# Fat Haircutter's Belly



## fa_foo (Jan 24, 2015)

I had an experience today that many of you will appreciate. I got my haircut today at a Supercuts, and the young woman who cut it was about 5'6" and 240 lbs. As she was moving around on my hair, she pressed her belly (some front, and sometimes a bit of the underside) against my arms and shoulders with regularity. I didn't quite know what to make of it, because it was a turn-on. Given her size, I could imagine it being a little difficult to be close enough for easier cutting, but it really felt like it was almost second nature for her to press up against her clients, but also somewhat avoidable if she wanted to. 

My thoughts were: 
"Should I help her out by moving my arms to the inside of the armrests and out of the way, or would that be weird, as if I'm offended? Should I leave my arms where they are on the armrests, tacitly giving her the signal that I'm okay with it?" 
"How could I even broach the subject with her, as this amount of touching already seems, to me, somewhat intimate, and discussing her belly could get odd fast, whether she's doing this just as a matter of ease in haircutting, or because she enjoys the contact, or something else?"
"This is really enjoyable, and she doesn't seem to mind that I'm not moving. Keep breathing normally." 
"I'm married, and this seems sort of like a micro affair, or as if paying a woman-of-the-night for a belly job, but this is actually just a bonus of getting a haircut."
"I wonder how non-FA or fat-phobic clients respond to this?"

In the end, I did just enjoy the cut, asked for her card, and if she usually works Saturdays, and gave her a 22% tip, not making too much of a deal out of it, except in my own thoughts.


This whole event reminded me back in college, there was a haircutter I used to go to who also pressed against me, but she was more like 350 and 5'9, so it was almost unavoidable, and I was still in the closet to myself and everybody else (yet I do remember I enjoying it then as well, but with less inner monologue).


----------



## Tracii (Jan 25, 2015)

Best to not make a big deal of it.
I assume you love your wife so let it go.


----------



## The Orange Mage (Jan 25, 2015)

The usual dental hygienist at the Dentist I go to has, for lack of a better term, a huge rack.

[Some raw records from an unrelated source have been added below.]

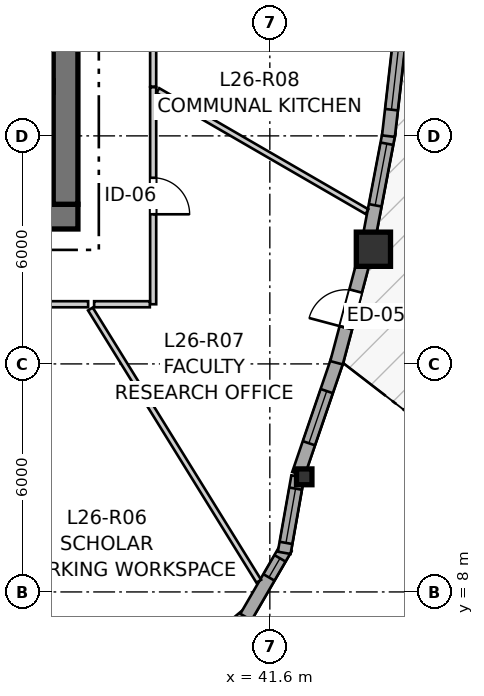
"""IFC4 building model, lengths in metres.
Left out: names, types, materials, properties, quantities, classifications, styles, units other than length and angle.
Written with IfcOpenShell. Run it as: python <this file> out.ifc"""

import sys

from ifc_helpers import new_model, si_unit, direction, frame, frame_2d, origin, origin_2d, place, context, subcontext, project, spatial, rectangle, i_section, extrude, source, transform, mapped, element, fill, save


model = new_model("IFC4")
c1 = context("Model", 3, precision=1e-05, world=origin(), true_north=direction((0.0, 1.0)))
c2 = subcontext(c1, "Body", "Model", "MODEL_VIEW")
j1 = project(units=[si_unit("LENGTHUNIT", "METRE"), si_unit("PLANEANGLEUNIT", "RADIAN")], contexts=[c1])
p1 = place(None, origin())
s1 = spatial("IfcSite", under=j1, at=p1, CompositionType="ELEMENT")
p2 = place(p1, origin())
s2 = spatial("IfcBuilding", under=s1, at=p2, CompositionType="ELEMENT")
p3 = place(p2, frame((0.0, 0.0, 89.6)))
s3 = spatial("IfcBuildingStorey", under=s2, at=p3, CompositionType="ELEMENT", Elevation=89.6)
p4 = place(p3, frame((24.15, 17.875, 0.0), z_axis=(0.0, 0.0, 1.0), x_axis=(1.0, 0.0, 0.0)))
e1 = element("IfcWall", 1, at=p4, inside=s3, PredefinedType="SHEAR", context=c2, shape_type="SweptSolid", body=[
    extrude(rectangle(XDim=12.4, YDim=0.65, at=frame_2d((6.2, 0.0))), origin(), (0.0, 0.0, 1.0), 2.95),
])
p5 = place(p3, frame((36.225, 18.2, 0.0), z_axis=(0.0, 0.0, 1.0), x_axis=(0.0, 1.0, 0.0)))
e2 = element("IfcWall", 2, at=p5, inside=s3, PredefinedType="SHEAR", context=c2, shape_type="SweptSolid", body=[
    extrude(rectangle(XDim=15.6, YDim=0.65, at=frame_2d((7.8, 0.0))), origin(), (0.0, 0.0, 1.0), 2.95),
])
p6 = place(p5, frame((4.25, 0.0, 0.0)))
e3 = element("IfcOpeningElement", 3, at=p6, cuts=e2, PredefinedType="OPENING", context=c2, shape_type="SweptSolid", body=[
    extrude(rectangle(XDim=1.1, YDim=2.15, at=frame_2d((0.55, 1.075))), frame((0.0, 0.335, 0.0), z_axis=(0.0, -1.0, 0.0), x_axis=(1.0, 0.0, 0.0)), (0.0, 0.0, 1.0), 0.67),
])
p7 = place(p5, frame((10.25, 0.0, 0.0)))
e4 = element("IfcOpeningElement", 4, at=p7, cuts=e2, PredefinedType="OPENING", context=c2, shape_type="SweptSolid", body=[
    extrude(rectangle(XDim=1.1, YDim=2.15, at=frame_2d((0.55, 1.075))), frame((0.0, 0.335, 0.0), z_axis=(0.0, -1.0, 0.0), x_axis=(1.0, 0.0, 0.0)), (0.0, 0.0, 1.0), 0.67),
])
p8 = place(p3, frame((24.8, 21.3, 0.0), z_axis=(0.0, 0.0, 1.0), x_axis=(1.0, 0.0, 0.0)))
e5 = element("IfcWall", 5, at=p8, inside=s3, PredefinedType="SHEAR", context=c2, shape_type="SweptSolid", body=[
    extrude(rectangle(XDim=11.1, YDim=0.3, at=frame_2d((5.55, 0.0))), origin(), (0.0, 0.0, 1.0), 2.95),
])
p9 = place(p8, frame((6.22, 0.0, 0.0)))
e6 = element("IfcOpeningElement", 6, at=p9, cuts=e5, PredefinedType="OPENING", context=c2, shape_type="SweptSolid", body=[
    extrude(rectangle(XDim=0.98, YDim=2.15, at=frame_2d((0.49, 1.075))), frame((0.0, 0.16, 0.0), z_axis=(0.0, -1.0, 0.0), x_axis=(1.0, 0.0, 0.0)), (0.0, 0.0, 1.0), 0.32),
])
p10 = place(p8, frame((9.15, 0.0, 0.0)))
e7 = element("IfcOpeningElement", 7, at=p10, cuts=e5, PredefinedType="OPENING", context=c2, shape_type="SweptSolid", body=[
    extrude(rectangle(XDim=1.15, YDim=2.15, at=frame_2d((0.575, 1.075))), frame((0.0, 0.16, 0.0), z_axis=(0.0, -1.0, 0.0), x_axis=(1.0, 0.0, 0.0)), (0.0, 0.0, 1.0), 0.32),
])
m1 = source(origin(), c2, "Body", "SweptSolid", [
    extrude(i_section(OverallWidth=0.406, OverallDepth=0.416, WebThickness=0.027, FlangeThickness=0.044, FilletRadius=0.015, at=origin_2d()), origin(), (0.0, 0.0, 1.0), 2.95),
])
p11 = place(p3, frame((42.505, 11.029, 0.0), z_axis=(0.0, 0.0, 1.0), x_axis=(1.0, 0.0, 0.0)))
e8 = element("IfcColumn", 8, at=p11, inside=s3, PredefinedType="PILASTER", context=c2, shape_type="MappedRepresentation", body=[
    mapped(m1, transform((0.0, 0.0, 0.0), x_axis=(1.0, 0.0, 0.0), y_axis=(0.0, 1.0, 0.0), z_axis=(0.0, 0.0, 1.0), scale=1.0)),
])
m2 = source(origin(), c2, "Body", "SweptSolid", [
    extrude(rectangle(XDim=0.9, YDim=0.9, at=origin_2d()), origin(), (0.0, 0.0, 1.0), 2.95),
])
p12 = place(p3, frame((44.325, 17.017, 0.0), z_axis=(0.0, 0.0, 1.0), x_axis=(1.0, 0.0, 0.0)))
e9 = element("IfcColumn", 9, at=p12, inside=s3, PredefinedType="COLUMN", context=c2, shape_type="MappedRepresentation", body=[
    mapped(m2, transform((0.0, 0.0, 0.0), x_axis=(1.0, 0.0, 0.0), y_axis=(0.0, 1.0, 0.0), z_axis=(0.0, 0.0, 1.0), scale=1.0)),
])
p13 = place(p3, frame((39.444, 6.099, 0.0), z_axis=(0.0, 0.0, 1.0), x_axis=(0.768497696041, 0.639852554249, 0.0)))
e10 = element("IfcWall", 10, at=p13, inside=s3, PredefinedType="SOLIDWALL", context=c2, shape_type="SweptSolid", body=[
    extrude(rectangle(XDim=2.099, YDim=0.34, at=frame_2d((1.049, 0.0))), origin(), (0.0, 0.0, 1.0), 2.48),
])
p14 = place(p13, frame((0.574, 0.0, 0.82)))
e11 = element("IfcOpeningElement", 11, at=p14, cuts=e10, PredefinedType="OPENING", context=c2, shape_type="SweptSolid", body=[
    extrude(rectangle(XDim=0.95, YDim=1.35, at=frame_2d((0.475, 0.675))), frame((0.0, 0.18, 0.0), z_axis=(0.0, -1.0, 0.0), x_axis=(1.0, 0.0, 0.0)), (0.0, 0.0, 1.0), 0.36),
])
p15 = place(p3, frame((40.971, 7.34, 0.0), z_axis=(0.0, 0.0, 1.0), x_axis=(0.501902596059, 0.864924149315, 0.0)))
e12 = element("IfcWall", 12, at=p15, inside=s3, PredefinedType="SOLIDWALL", context=c2, shape_type="SweptSolid", body=[
    extrude(rectangle(XDim=2.099, YDim=0.34, at=frame_2d((1.049, 0.0))), origin(), (0.0, 0.0, 1.0), 2.48),
])
p16 = place(p15, frame((1.206, 0.0, 0.82)))
e13 = element("IfcOpeningElement", 13, at=p16, cuts=e12, PredefinedType="OPENING", context=c2, shape_type="SweptSolid", body=[
    extrude(rectangle(XDim=0.58, YDim=1.35, at=frame_2d((0.29, 0.675))), frame((0.0, 0.18, 0.0), z_axis=(0.0, -1.0, 0.0), x_axis=(1.0, 0.0, 0.0)), (0.0, 0.0, 1.0), 0.36),
])
p17 = place(p3, frame((41.978, 9.029, 0.0), z_axis=(0.0, 0.0, 1.0), x_axis=(0.174283452483, 0.984695525627, 0.0)))
e14 = element("IfcWall", 14, at=p17, inside=s3, PredefinedType="SOLIDWALL", context=c2, shape_type="SweptSolid", body=[
    extrude(rectangle(XDim=2.041, YDim=0.34, at=frame_2d((1.021, 0.0))), origin(), (0.0, 0.0, 1.0), 2.48),
])
p18 = place(p17, frame((0.265, 0.0, 0.82)))
e15 = element("IfcOpeningElement", 15, at=p18, cuts=e14, PredefinedType="OPENING", context=c2, shape_type="SweptSolid", body=[
    extrude(rectangle(XDim=1.45, YDim=1.25, at=frame_2d((0.725, 0.625))), frame((0.0, 0.18, 0.0), z_axis=(0.0, -1.0, 0.0), x_axis=(1.0, 0.0, 0.0)), (0.0, 0.0, 1.0), 0.36),
])
p19 = place(p3, frame((42.351, 11.103, 0.0), z_axis=(0.0, 0.0, 1.0), x_axis=(0.323582854182, 0.946199839611, 0.0)))
e16 = element("IfcWall", 16, at=p19, inside=s3, PredefinedType="SOLIDWALL", context=c2, shape_type="SweptSolid", body=[
    extrude(rectangle(XDim=3.182, YDim=0.34, at=frame_2d((1.591, 0.0))), origin(), (0.0, 0.0, 1.0), 2.48),
])
p20 = place(p19, frame((0.856, 0.0, 0.82)))
e17 = element("IfcOpeningElement", 17, at=p20, cuts=e16, PredefinedType="OPENING", context=c2, shape_type="SweptSolid", body=[
    extrude(rectangle(XDim=1.45, YDim=1.25, at=frame_2d((0.725, 0.625))), frame((0.0, 0.18, 0.0), z_axis=(0.0, -1.0, 0.0), x_axis=(1.0, 0.0, 0.0)), (0.0, 0.0, 1.0), 0.36),
])
p21 = place(p3, frame((43.355, 14.03, 0.0), z_axis=(0.0, 0.0, 1.0), x_axis=(0.257056088809, 0.96639648551, 0.0)))
e18 = element("IfcWall", 18, at=p21, inside=s3, PredefinedType="SOLIDWALL", context=c2, shape_type="SweptSolid", body=[
    extrude(rectangle(XDim=2.906, YDim=0.34, at=frame_2d((1.453, 0.0))), origin(), (0.0, 0.0, 1.0), 2.48),
])
p22 = place(p21, frame((0.953, 0.0, 0.0)))
e19 = element("IfcOpeningElement", 19, at=p22, cuts=e18, PredefinedType="OPENING", context=c2, shape_type="SweptSolid", body=[
    extrude(rectangle(XDim=1.0, YDim=2.1, at=frame_2d((0.5, 1.05))), frame((0.0, 0.18, 0.0), z_axis=(0.0, -1.0, 0.0), x_axis=(1.0, 0.0, 0.0)), (0.0, 0.0, 1.0), 0.36),
])
p23 = place(p3, frame((44.201, 17.275, 0.0), z_axis=(0.0, 0.0, 1.0), x_axis=(0.186703550023, 0.982416298933, 0.0)))
e20 = element("IfcWall", 20, at=p23, inside=s3, PredefinedType="SOLIDWALL", context=c2, shape_type="SweptSolid", body=[
    extrude(rectangle(XDim=2.856, YDim=0.34, at=frame_2d((1.428, 0.0))), origin(), (0.0, 0.0, 1.0), 2.48),
])
p24 = place(p23, frame((0.914, 0.0, 0.82)))
e21 = element("IfcOpeningElement", 21, at=p24, cuts=e20, PredefinedType="OPENING", context=c2, shape_type="SweptSolid", body=[
    extrude(rectangle(XDim=1.65, YDim=1.45, at=frame_2d((0.825, 0.725))), frame((0.0, 0.18, 0.0), z_axis=(0.0, -1.0, 0.0), x_axis=(1.0, 0.0, 0.0)), (0.0, 0.0, 1.0), 0.36),
])
p25 = place(p3, frame((44.721, 19.993, 0.0), z_axis=(0.0, 0.0, 1.0), x_axis=(0.113224078967, 0.993569478165, 0.0)))
e22 = element("IfcWall", 22, at=p25, inside=s3, PredefinedType="SOLIDWALL", context=c2, shape_type="SweptSolid", body=[
    extrude(rectangle(XDim=3.032, YDim=0.34, at=frame_2d((1.516, 0.0))), origin(), (0.0, 0.0, 1.0), 2.48),
])
p26 = place(p25, frame((0.701, 0.0, 0.82)))
e23 = element("IfcOpeningElement", 23, at=p26, cuts=e22, PredefinedType="OPENING", context=c2, shape_type="SweptSolid", body=[
    extrude(rectangle(XDim=1.65, YDim=1.45, at=frame_2d((0.825, 0.725))), frame((0.0, 0.18, 0.0), z_axis=(0.0, -1.0, 0.0), x_axis=(1.0, 0.0, 0.0)), (0.0, 0.0, 1.0), 0.36),
])
p27 = place(p3, frame((38.53, 21.281, 0.0), z_axis=(0.0, 0.0, 1.0), x_axis=(0.0, -1.0, 0.0)))
e24 = element("IfcWall", 24, at=p27, inside=s3, PredefinedType="PARTITIONING", context=c2, shape_type="SweptSolid", body=[
    extrude(rectangle(XDim=5.711, YDim=0.16, at=frame_2d((2.855, 0.0))), origin(), (0.0, 0.0, 1.0), 2.95),
])
p28 = place(p27, frame((2.384, 0.0, 0.0)))
e25 = element("IfcOpeningElement", 25, at=p28, cuts=e24, PredefinedType="OPENING", context=c2, shape_type="SweptSolid", body=[
    extrude(rectangle(XDim=0.96, YDim=2.1, at=frame_2d((0.48, 1.05))), frame((0.0, 0.09, 0.0), z_axis=(0.0, -1.0, 0.0), x_axis=(1.0, 0.0, 0.0)), (0.0, 0.0, 1.0), 0.18),
])
p29 = place(p3, frame((36.819, 15.57, 0.0), z_axis=(0.0, 0.0, 1.0), x_axis=(-1.0, 0.0, 0.0)))
e26 = element("IfcWall", 26, at=p29, inside=s3, PredefinedType="PARTITIONING", context=c2, shape_type="SweptSolid", body=[
    extrude(rectangle(XDim=3.956, YDim=0.16, at=frame_2d((1.978, 0.0))), origin(), (0.0, 0.0, 1.0), 2.95),
])
p30 = place(p29, frame((1.522, 0.0, 0.0)))
e27 = element("IfcOpeningElement", 27, at=p30, cuts=e26, PredefinedType="OPENING", context=c2, shape_type="SweptSolid", body=[
    extrude(rectangle(XDim=0.96, YDim=2.1, at=frame_2d((0.48, 1.05))), frame((0.0, 0.09, 0.0), z_axis=(0.0, -1.0, 0.0), x_axis=(1.0, 0.0, 0.0)), (0.0, 0.0, 1.0), 0.18),
])
p31 = place(p3, frame((38.53, 24.738, 0.0), z_axis=(0.0, 0.0, 1.0), x_axis=(0.0, -1.0, 0.0)))
e28 = element("IfcWall", 28, at=p31, inside=s3, PredefinedType="PARTITIONING", context=c2, shape_type="SweptSolid", body=[
    extrude(rectangle(XDim=3.442, YDim=0.16, at=frame_2d((1.721, 0.0))), origin(), (0.0, 0.0, 1.0), 2.95),
])
p32 = place(p31, frame((1.072, 0.0, 0.0)))
e29 = element("IfcOpeningElement", 29, at=p32, cuts=e28, PredefinedType="OPENING", context=c2, shape_type="SweptSolid", body=[
    extrude(rectangle(XDim=1.3, YDim=2.1, at=frame_2d((0.65, 1.05))), frame((0.0, 0.09, 0.0), z_axis=(0.0, -1.0, 0.0), x_axis=(1.0, 0.0, 0.0)), (0.0, 0.0, 1.0), 0.18),
])
p33 = place(p3, frame((36.878, 15.445, 0.0), z_axis=(0.0, 0.0, 1.0), x_axis=(0.526001305793, -0.850483760165, 0.0)))
e30 = element("IfcWall", 30, at=p33, inside=s3, PredefinedType="PARTITIONING", context=c2, shape_type="SweptSolid", body=[
    extrude(rectangle(XDim=8.422, YDim=0.145, at=frame_2d((4.211, 0.0))), origin(), (0.0, 0.0, 1.0), 2.95),
])
p34 = place(p3, frame((38.653, 21.193, 0.0), z_axis=(0.0, 0.0, 1.0), x_axis=(0.865364941279, -0.501142213753, 0.0)))
e31 = element("IfcWall", 31, at=p34, inside=s3, PredefinedType="PARTITIONING", context=c2, shape_type="SweptSolid", body=[
    extrude(rectangle(XDim=6.359, YDim=0.145, at=frame_2d((3.179, 0.0))), origin(), (0.0, 0.0, 1.0), 2.95),
])
p35 = place(p3, frame((36.977, 15.57, 0.0), z_axis=(0.0, 0.0, 1.0), x_axis=(1.0, 0.0, 0.0)))
e32 = element("IfcWall", 32, at=p35, inside=s3, PredefinedType="PARTITIONING", context=c2, shape_type="SweptSolid", body=[
    extrude(rectangle(XDim=1.465, YDim=0.16, at=frame_2d((0.732, 0.0))), origin(), (0.0, 0.0, 1.0), 2.95),
])
m3 = source(origin(), c2, "Body", "SweptSolid", [
    extrude(rectangle(XDim=0.58, YDim=1.35, at=frame_2d((0.29, 0.675))), frame((0.0, 0.03, 0.0), z_axis=(0.0, -1.0, 0.0), x_axis=(1.0, 0.0, 0.0)), (0.0, 0.0, 1.0), 0.06),
])
p36 = place(p16, origin())
e33 = element("IfcWindow", 33, at=p36, inside=s3, PartitioningType="SINGLE_PANEL", PredefinedType="WINDOW", context=c2, shape_type="MappedRepresentation", body=[
    mapped(m3, transform((0.0, 0.0, 0.0), x_axis=(1.0, 0.0, 0.0), y_axis=(0.0, 1.0, 0.0), z_axis=(0.0, 0.0, 1.0), scale=1.0)),
])
fill(e13, e33)
m4 = source(origin(), c2, "Body", "SweptSolid", [
    extrude(rectangle(XDim=1.45, YDim=1.25, at=frame_2d((0.725, 0.625))), frame((0.0, 0.03, 0.0), z_axis=(0.0, -1.0, 0.0), x_axis=(1.0, 0.0, 0.0)), (0.0, 0.0, 1.0), 0.06),
])
p37 = place(p18, origin())
e34 = element("IfcWindow", 34, at=p37, inside=s3, PartitioningType="SINGLE_PANEL", PredefinedType="WINDOW", context=c2, shape_type="MappedRepresentation", body=[
    mapped(m4, transform((0.0, 0.0, 0.0), x_axis=(1.0, 0.0, 0.0), y_axis=(0.0, 1.0, 0.0), z_axis=(0.0, 0.0, 1.0), scale=1.0)),
])
fill(e15, e34)
p38 = place(p20, origin())
e35 = element("IfcWindow", 35, at=p38, inside=s3, PartitioningType="SINGLE_PANEL", PredefinedType="WINDOW", context=c2, shape_type="MappedRepresentation", body=[
    mapped(m4, transform((0.0, 0.0, 0.0), x_axis=(1.0, 0.0, 0.0), y_axis=(0.0, 1.0, 0.0), z_axis=(0.0, 0.0, 1.0), scale=1.0)),
])
fill(e17, e35)
m5 = source(origin(), c2, "Body", "SweptSolid", [
    extrude(rectangle(XDim=1.65, YDim=1.45, at=frame_2d((0.825, 0.725))), frame((0.0, 0.03, 0.0), z_axis=(0.0, -1.0, 0.0), x_axis=(1.0, 0.0, 0.0)), (0.0, 0.0, 1.0), 0.06),
])
p39 = place(p24, origin())
e36 = element("IfcWindow", 36, at=p39, inside=s3, PartitioningType="SINGLE_PANEL", PredefinedType="WINDOW", context=c2, shape_type="MappedRepresentation", body=[
    mapped(m5, transform((0.0, 0.0, 0.0), x_axis=(1.0, 0.0, 0.0), y_axis=(0.0, 1.0, 0.0), z_axis=(0.0, 0.0, 1.0), scale=1.0)),
])
fill(e21, e36)
p40 = place(p26, origin())
e37 = element("IfcWindow", 37, at=p40, inside=s3, PartitioningType="SINGLE_PANEL", PredefinedType="WINDOW", context=c2, shape_type="MappedRepresentation", body=[
    mapped(m5, transform((0.0, 0.0, 0.0), x_axis=(1.0, 0.0, 0.0), y_axis=(0.0, 1.0, 0.0), z_axis=(0.0, 0.0, 1.0), scale=1.0)),
])
fill(e23, e37)
m6 = source(origin(), c2, "Body", "SweptSolid", [
    extrude(rectangle(XDim=1.0, YDim=2.1, at=frame_2d((0.5, 1.05))), frame((0.0, 0.025, 0.0), z_axis=(0.0, -1.0, 0.0), x_axis=(1.0, 0.0, 0.0)), (0.0, 0.0, 1.0), 0.05),
])
p41 = place(p22, origin())
e38 = element("IfcDoor", 38, at=p41, inside=s3, OperationType="SINGLE_SWING_LEFT", PredefinedType="DOOR", context=c2, shape_type="MappedRepresentation", body=[
    mapped(m6, transform((0.0, 0.0, 0.0), x_axis=(1.0, 0.0, 0.0), y_axis=(0.0, 1.0, 0.0), z_axis=(0.0, 0.0, 1.0), scale=1.0)),
])
fill(e19, e38)
m7 = source(origin(), c2, "Body", "SweptSolid", [
    extrude(rectangle(XDim=0.96, YDim=2.1, at=frame_2d((0.48, 1.05))), frame((0.0, 0.025, 0.0), z_axis=(0.0, -1.0, 0.0), x_axis=(1.0, 0.0, 0.0)), (0.0, 0.0, 1.0), 0.05),
])
p42 = place(p28, origin())
e39 = element("IfcDoor", 39, at=p42, inside=s3, OperationType="SINGLE_SWING_RIGHT", PredefinedType="DOOR", context=c2, shape_type="MappedRepresentation", body=[
    mapped(m7, transform((0.0, 0.0, 0.0), x_axis=(1.0, 0.0, 0.0), y_axis=(0.0, 1.0, 0.0), z_axis=(0.0, 0.0, 1.0), scale=1.0)),
])
fill(e25, e39)
save(model, sys.argv[1])

I basically spend the entire cleaning with the top of my head slightly in her cleavage.


----------



## Dr. Feelgood (Jan 25, 2015)

The Orange Mage said:


> The usual dental hygienist at the Dentist I go to has, for lack of a better term, a huge rack. I basically spend the entire cleaning with the top of my head slightly in her cleavage.



What, _every week_?


----------



## fa_foo (Jan 25, 2015)

Tracii said:


> Best to not make a big deal of it.
> I assume you love your wife so let it go.



Indeed, I do. When I got home, however, my wife said it was the best looking haircut I've gotten in a long time. Go figure.


----------



## Jerry Thomas (Jan 25, 2015)

> "This is really enjoyable, and she doesn't seem to mind that I'm not moving. Keep breathing normally."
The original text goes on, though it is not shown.